Pressure Drop = K (V / 4008.7)² x Density Ratio= 1.8 x (589.19 / 4008.7)² x (0.0696 / 0.0750)= 0.0361 inch Aq.

Example 6-4. Determine the pressure drop at the fan inlet of fan stack per the given conditions in example 6-1. Let's assume that the 28 feet of fan in the diameter with the 88 inch of air seal disk was used and the fan inlet shape is rounded. (R/D = 0.10)

(Solution)
The pressure drop is occurring at the fan inlet of fan stack unless the shape of fan inlet is elliptical bell and no obstruction under the fan in case of induced draft fan arrangement. The following table could be applied to the cooling tower fan stack as a guide line in choosing the pressure drop coefficient.

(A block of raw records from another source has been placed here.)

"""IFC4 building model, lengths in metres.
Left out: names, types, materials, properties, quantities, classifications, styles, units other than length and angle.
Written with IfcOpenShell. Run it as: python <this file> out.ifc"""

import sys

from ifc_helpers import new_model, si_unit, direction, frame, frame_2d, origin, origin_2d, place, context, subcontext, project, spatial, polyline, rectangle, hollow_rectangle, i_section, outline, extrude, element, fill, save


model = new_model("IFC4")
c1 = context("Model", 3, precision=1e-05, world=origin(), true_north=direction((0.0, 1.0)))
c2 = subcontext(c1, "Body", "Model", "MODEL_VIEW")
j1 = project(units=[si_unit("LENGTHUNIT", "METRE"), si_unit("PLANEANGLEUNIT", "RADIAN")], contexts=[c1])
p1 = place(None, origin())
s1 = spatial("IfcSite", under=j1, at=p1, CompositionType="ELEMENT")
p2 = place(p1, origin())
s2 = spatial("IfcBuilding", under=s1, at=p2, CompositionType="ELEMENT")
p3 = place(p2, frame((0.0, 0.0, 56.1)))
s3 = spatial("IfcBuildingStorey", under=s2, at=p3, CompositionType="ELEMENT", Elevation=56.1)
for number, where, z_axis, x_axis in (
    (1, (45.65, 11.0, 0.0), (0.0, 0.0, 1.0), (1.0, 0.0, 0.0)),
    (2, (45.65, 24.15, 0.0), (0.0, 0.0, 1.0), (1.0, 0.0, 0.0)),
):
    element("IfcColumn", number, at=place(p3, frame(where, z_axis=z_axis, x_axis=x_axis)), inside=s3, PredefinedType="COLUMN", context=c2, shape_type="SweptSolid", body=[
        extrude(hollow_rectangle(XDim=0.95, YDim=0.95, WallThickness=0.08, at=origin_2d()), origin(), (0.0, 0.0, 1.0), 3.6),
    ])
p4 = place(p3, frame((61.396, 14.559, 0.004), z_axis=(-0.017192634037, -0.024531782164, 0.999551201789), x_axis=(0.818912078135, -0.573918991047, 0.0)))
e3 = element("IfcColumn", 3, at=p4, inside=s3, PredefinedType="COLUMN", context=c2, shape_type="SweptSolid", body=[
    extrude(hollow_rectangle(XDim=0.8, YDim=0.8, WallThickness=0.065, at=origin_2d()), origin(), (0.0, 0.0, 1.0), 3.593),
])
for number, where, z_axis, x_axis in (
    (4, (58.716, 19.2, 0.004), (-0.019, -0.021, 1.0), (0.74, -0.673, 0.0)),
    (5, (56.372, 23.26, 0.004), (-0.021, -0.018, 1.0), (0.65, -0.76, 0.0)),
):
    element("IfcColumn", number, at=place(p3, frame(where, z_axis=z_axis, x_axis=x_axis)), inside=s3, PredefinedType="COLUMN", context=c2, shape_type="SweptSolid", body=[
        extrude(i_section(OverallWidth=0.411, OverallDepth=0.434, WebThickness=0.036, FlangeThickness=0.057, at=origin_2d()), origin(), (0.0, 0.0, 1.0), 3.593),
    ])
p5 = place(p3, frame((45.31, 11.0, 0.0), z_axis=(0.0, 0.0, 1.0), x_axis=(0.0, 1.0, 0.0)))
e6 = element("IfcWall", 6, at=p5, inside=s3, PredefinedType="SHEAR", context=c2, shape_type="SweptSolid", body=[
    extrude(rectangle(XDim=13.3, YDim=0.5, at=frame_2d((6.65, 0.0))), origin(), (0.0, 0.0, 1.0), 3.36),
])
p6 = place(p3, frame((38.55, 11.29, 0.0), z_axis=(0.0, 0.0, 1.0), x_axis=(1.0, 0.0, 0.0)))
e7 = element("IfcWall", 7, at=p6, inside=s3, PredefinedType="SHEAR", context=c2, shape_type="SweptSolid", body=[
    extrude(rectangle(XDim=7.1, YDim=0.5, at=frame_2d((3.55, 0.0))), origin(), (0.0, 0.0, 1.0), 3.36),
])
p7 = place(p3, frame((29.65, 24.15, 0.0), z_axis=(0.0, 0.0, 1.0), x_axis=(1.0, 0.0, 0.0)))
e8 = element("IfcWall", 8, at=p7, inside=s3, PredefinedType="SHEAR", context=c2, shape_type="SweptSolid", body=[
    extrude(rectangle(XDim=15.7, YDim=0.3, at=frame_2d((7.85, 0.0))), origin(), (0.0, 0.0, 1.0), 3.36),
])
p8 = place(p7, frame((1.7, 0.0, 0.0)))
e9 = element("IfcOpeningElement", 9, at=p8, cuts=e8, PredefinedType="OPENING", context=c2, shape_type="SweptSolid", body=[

In practice, it is quite essential to add some extra to the above K value since there are a lot of obstructions under the fan. It is considered that there is no change in the heat from the drift eliminator to the fan. Accordingly, the specific volume at the fan is same as the value at the drift eliminator. Let's calculate the net fan area.

Fan Net Area = 3.1416 / 4 x (Fan Dia² -Air Seal Disk²)= 573.52 ft²
Air Velocity @ Fan = Airflow Volume @ Fan / Net Fan Area= 1019716.3 / 573.52 = 1778.00
Air Velocity @ Fan = 1,778.00 ft/min

(Note: The air volume at fan is same as the air volume at the drift eliminator.)

Then, pressure drop is obtained from below:
Pressure Drop = K (V / 4008.7)² x Density Ratio= 0.18 x (1778.0 / 4008.7)² x (0.0696 / 0.0750)= 0.0329 inch Aq.